# Second Order Uncertainty (SOU)

**Inference with Second Order Uncertainty**

Many tracking and target discrimination systems use Bayesian approaches to track objects and determine their identity as a critical part of the system. The Bayesian approaches use models that are characterized by a family of parameters. These parameters can be determined as best estimates from expertise, or as mean values derived from statistical analysis. In either case, current Bayesian approaches do not take into consideration the variability in the expert estimates nor the standard deviation of the statistics. When the correct parameters for the models are different from the selected ones, the outcomes for target tracking and discrimination can significantly change.The traditional approach to estimating the variability in the inference output from variability in the model parameter and input data is to perform systematic numerical experiments using sampling techniques. However, this approach is slow and tedious because thousands if not millions of samples are necessary to get the distribution of possible outcomes with real-world models. Even in models with few variables, sampling would require hundreds of different inferences just to obtain probability intervals. Many more samples would be necessary to obtain the distributions, which would require prohibitive execution cost in real-time environments.

GCAS has developed mathematics and software to obtain the distributions in real time, through an on-line technique that takes comparable time and memory as usual Bayesian inference. To achieve this, we express the probability distributions of the model parameters and evidences with their mean values, variances (σ) and covariances. We propagate these quantities in a process that is mathematically exact and similar to usual Bayesian inference. We then interpret the results as Beta distributions for visualization purposes. This translates into a significant improvement in the confidence in the results and in the decisions that can be made with them. Since we are computing probability distributions of probabilities, we call our technique Second Order Uncertainty (SOU), and First Order Uncertainty (FOU) the traditional inference.

Our SOU techniques provide a fundamental advantage over competing approaches. These latter tend to produce intervals that increase towards [0, 1] as inference proceeds along the network. Our technique does not suffer from this problem. This holds in for networks of any size, as a direct consequence of the mathematics adopted.

**Decision Making under SOU**

GCAS has also developed mathematics for Decision-Making under SOU, where also utility functions can be expressed as probability distributions. In Decision-Making under SOU, the expected utility of a Course of Action (COA) is a distribution. This results from SOU in the CPT parameters, evidences and utility functions.**Backtracking and Sensitivity Analysis**The SOU techniques introduced by GCAS can be used for Backtracking and Sensitivity Analysis. Suppose that in a variable of interest the probability intervals are too large. Backtracking determines the CPT entries and the evidences that are contributing the most to the result. This information can be used to improve the model and determine the evidence that needs to be refined. Extending this concept, Sensitivity Analysis exploits SOU inference and Backtracking to indicate how much a variable’s belief is sensitive to changes in a group of CPT parameters and evidences.

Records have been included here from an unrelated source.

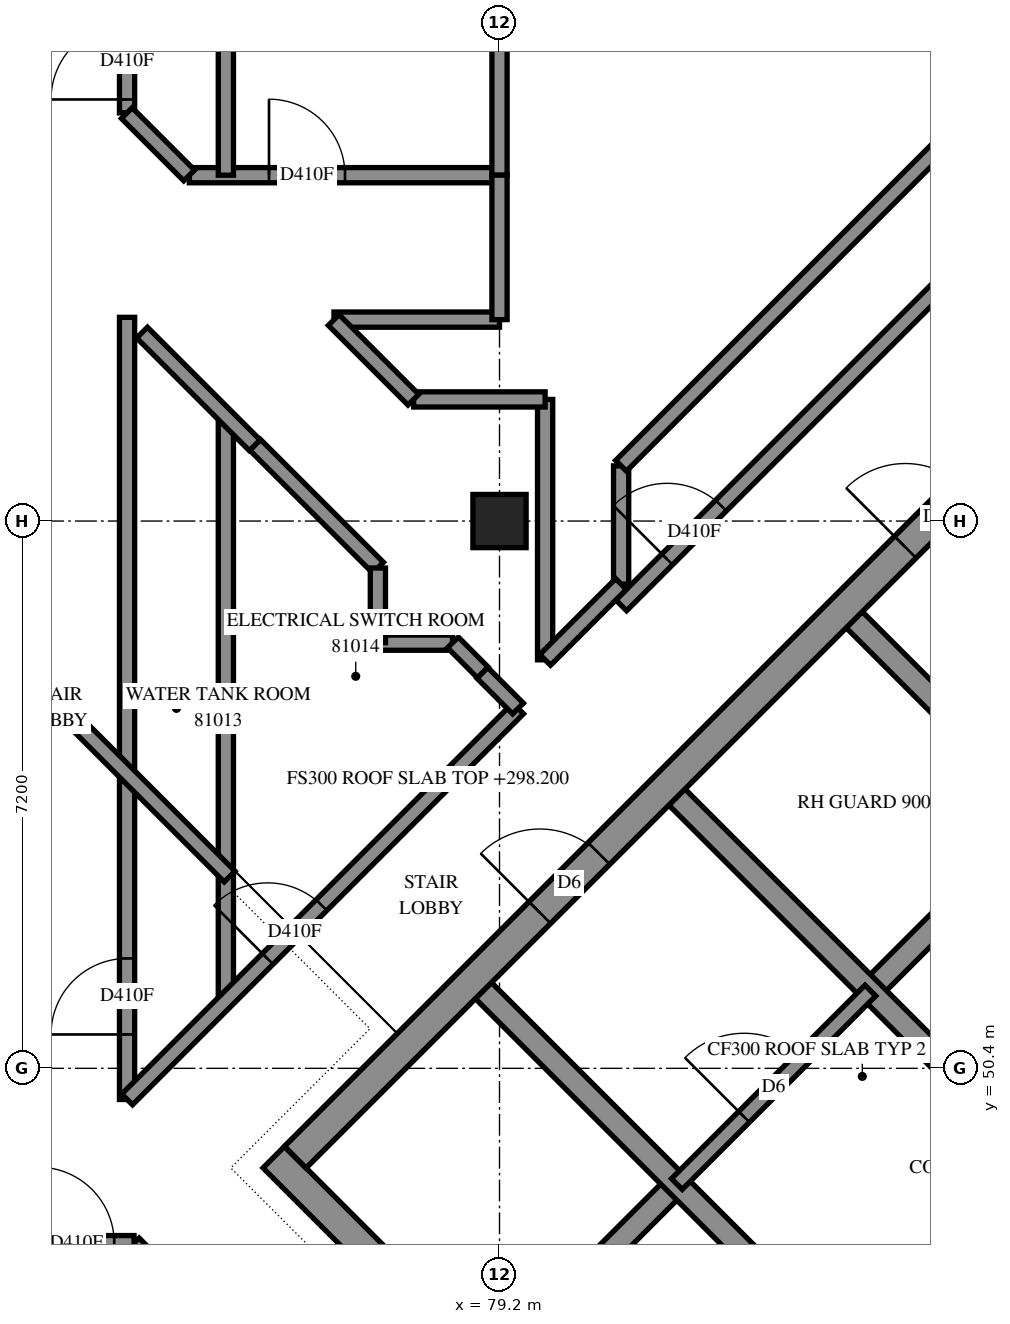
"""IFC4 building model, lengths in metres.
Left out: names, types, materials, properties, quantities, classifications, styles, units other than length and angle.
Written with IfcOpenShell. Run it as: python <this file> out.ifc"""

import sys

from ifc_helpers import new_model, si_unit, direction, frame, frame_2d, origin, origin_2d, place, context, subcontext, project, spatial, polyline, rectangle, outline, extrude, element, fill, save


model = new_model("IFC4")
c1 = context("Model", 3, precision=1e-05, world=origin(), true_north=direction((0.0, 1.0)))
c2 = subcontext(c1, "Body", "Model", "MODEL_VIEW")
j1 = project(units=[si_unit("LENGTHUNIT", "METRE"), si_unit("PLANEANGLEUNIT", "RADIAN")], contexts=[c1])
p1 = place(None, origin())
s1 = spatial("IfcSite", under=j1, at=p1, CompositionType="ELEMENT")
p2 = place(p1, origin())
s2 = spatial("IfcBuilding", under=s1, at=p2, CompositionType="ELEMENT")
p3 = place(p2, frame((0.0, 0.0, 298.2)))
s3 = spatial("IfcBuildingStorey", under=s2, at=p3, CompositionType="ELEMENT", Elevation=298.2)
p4 = place(p3, frame((79.2, 57.6, 0.0), z_axis=(0.0, 0.0, 1.0), x_axis=(1.0, 0.0, 0.0)))
e1 = element("IfcColumn", 1, at=p4, inside=s3, PredefinedType="COLUMN", context=c2, shape_type="SweptSolid", body=[
    extrude(rectangle(XDim=0.7, YDim=0.7, at=origin_2d()), origin(), (0.0, 0.0, 1.0), 3.5),
])
p5 = place(p3, frame((76.23, 49.231, -0.3), z_axis=(0.0, 0.0, 1.0), x_axis=(0.7071006083, -0.707112954, 0.0)))
e2 = element("IfcWall", 2, at=p5, inside=s3, PredefinedType="SHEAR", context=c2, shape_type="SweptSolid", body=[
    extrude(outline(polyline([(0.0, 0.0), (8.1, 0.0), (8.1, 3.1), (0.0, 3.1), (0.0, 0.0)])), frame((0.0, 0.2, 0.0), z_axis=(0.0, -1.0, 0.0), x_axis=(1.0, 0.0, 0.0)), (0.0, 0.0, 1.0), 0.4),
])
p6 = place(p3, frame((76.513, 49.231, -0.3), z_axis=(0.0, 0.0, 1.0), x_axis=(0.7071067812, 0.7071067812, 0.0)))
e3 = element("IfcWall", 3, at=p6, inside=s3, PredefinedType="SHEAR", context=c2, shape_type="SweptSolid", body=[
    extrude(outline(polyline([(0.0, 0.0), (14.4, 0.0), (14.4, 3.1), (0.0, 3.1), (0.0, 0.0)])), frame((0.0, 0.2, 0.0), z_axis=(0.0, -1.0, 0.0), x_axis=(1.0, 0.0, 0.0)), (0.0, 0.0, 1.0), 0.4),
])
p7 = place(p6, frame((4.55, 0.0, 0.3)))
e4 = element("IfcOpeningElement", 4, at=p7, cuts=e3, PredefinedType="OPENING", context=c2, shape_type="SweptSolid", body=[
    extrude(rectangle(XDim=1.1, YDim=2.1, at=frame_2d((0.55, 1.05))), frame((0.0, 0.21, 0.0), z_axis=(0.0, -1.0, 0.0), x_axis=(1.0, 0.0, 0.0)), (0.0, 0.0, 1.0), 0.42),
])
p8 = place(p6, frame((11.35, 0.0, 0.3)))
e5 = element("IfcOpeningElement", 5, at=p8, cuts=e3, PredefinedType="OPENING", context=c2, shape_type="SweptSolid", body=[
    extrude(rectangle(XDim=1.1, YDim=2.1, at=frame_2d((0.55, 1.05))), frame((0.0, 0.21, 0.0), z_axis=(0.0, -1.0, 0.0), x_axis=(1.0, 0.0, 0.0)), (0.0, 0.0, 1.0), 0.42),
])
for number, where, z_axis, x_axis in (
    (6, (79.2, 46.544, 0.0), (0.0, 0.0, 1.0), (0.707, 0.707, 0.0)),
    (7, (84.079, 51.423, 0.0), (0.0, 0.0, 1.0), (0.707, 0.707, 0.0)),
):
    element("IfcWall", number, at=place(p3, frame(where, z_axis=z_axis, x_axis=x_axis)), inside=s3, PredefinedType="SOLIDWALL", context=c2, shape_type="SweptSolid", body=[
        extrude(outline(polyline([(0.0, 0.0), (3.3, 0.0), (3.3, 3.5), (0.0, 3.5), (0.0, 0.0)])), frame((0.0, 0.15, 0.0), z_axis=(0.0, -1.0, 0.0), x_axis=(1.0, 0.0, 0.0)), (0.0, 0.0, 1.0), 0.3),
    ])
p9 = place(p3, frame((78.988, 51.423, 0.0), z_axis=(0.0, 0.0, 1.0), x_axis=(0.7071067812, -0.7071067812, 0.0)))
e8 = element("IfcWall", 8, at=p9, inside=s3, PredefinedType="SOLIDWALL", context=c2, shape_type="SweptSolid", body=[
    extrude(outline(polyline([(0.0, 0.0), (14.4, 0.0), (14.4, 3.5), (0.0, 3.5), (0.0, 0.0)])), frame((0.0, 0.15, 0.0), z_axis=(0.0, -1.0, 0.0), x_axis=(1.0, 0.0, 0.0)), (0.0, 0.0, 1.0), 0.3),
])
p10 = place(p3, frame((81.534, 53.969, 0.0), z_axis=(0.0, 0.0, 1.0), x_axis=(0.707103309, -0.7071102534, 0.0)))
e9 = element("IfcWall", 9, at=p10, inside=s3, PredefinedType="SOLIDWALL", context=c2, shape_type="SweptSolid", body=[
    extrude(outline(polyline([(0.0, 0.0), (14.4, 0.0), (14.4, 3.5), (0.0, 3.5), (0.0, 0.0)])), frame((0.0, 0.15, 0.0), z_axis=(0.0, -1.0, 0.0), x_axis=(1.0, 0.0, 0.0)), (0.0, 0.0, 1.0), 0.3),
])
p11 = place(p10, frame((12.05, 0.0, 0.0)))
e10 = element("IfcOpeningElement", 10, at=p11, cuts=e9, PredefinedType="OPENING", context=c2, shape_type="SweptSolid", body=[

**SOU Modeling Tool**In addition to SOU techniques, GCAS has developed a tool to create models with SOU, perform inference and present the results. This modeling tool is based on Probabilistic Relational Models (PRMs), where a probabilistic model is expressed as a group of interacting Bayesian Networks (BNs). In PRMs one can represent a BN model using classes, relations between classes, instances of those classes and relations between instances.PRMs can be considered as the probabilistic modeling equivalent to object-oriented programming.

**SOU Application to Multi-Sensor / Multi-Agent Systems**

Besides target tracking, SOU and PRM are beneficial to multi-agent sensor systems, where data fusion is distributed across many agents. SOU can be used to estimate, at each agent, the level by which its determinations may be inconsistent with those of the entire sensor network. For example, full consistency may be represented by traditional FOU outcomes. When data are missing or perceived to be unreliable or corrupted, or when data updates have not occurred along a channel for some time, SOU can be used to represent potential deviations of the FOU outcome from the last one that was fully consistent.

When this deviation (or potential inconsistency) level passes a threshold, the agent can decide to ask its neighbors for data update. By exploiting backtracking and sensitivity analysis, the sensor can also decide which data channels may reduce the deviation the most. Therefore SOU can be used to optimize data communication vs. data fusion results quality.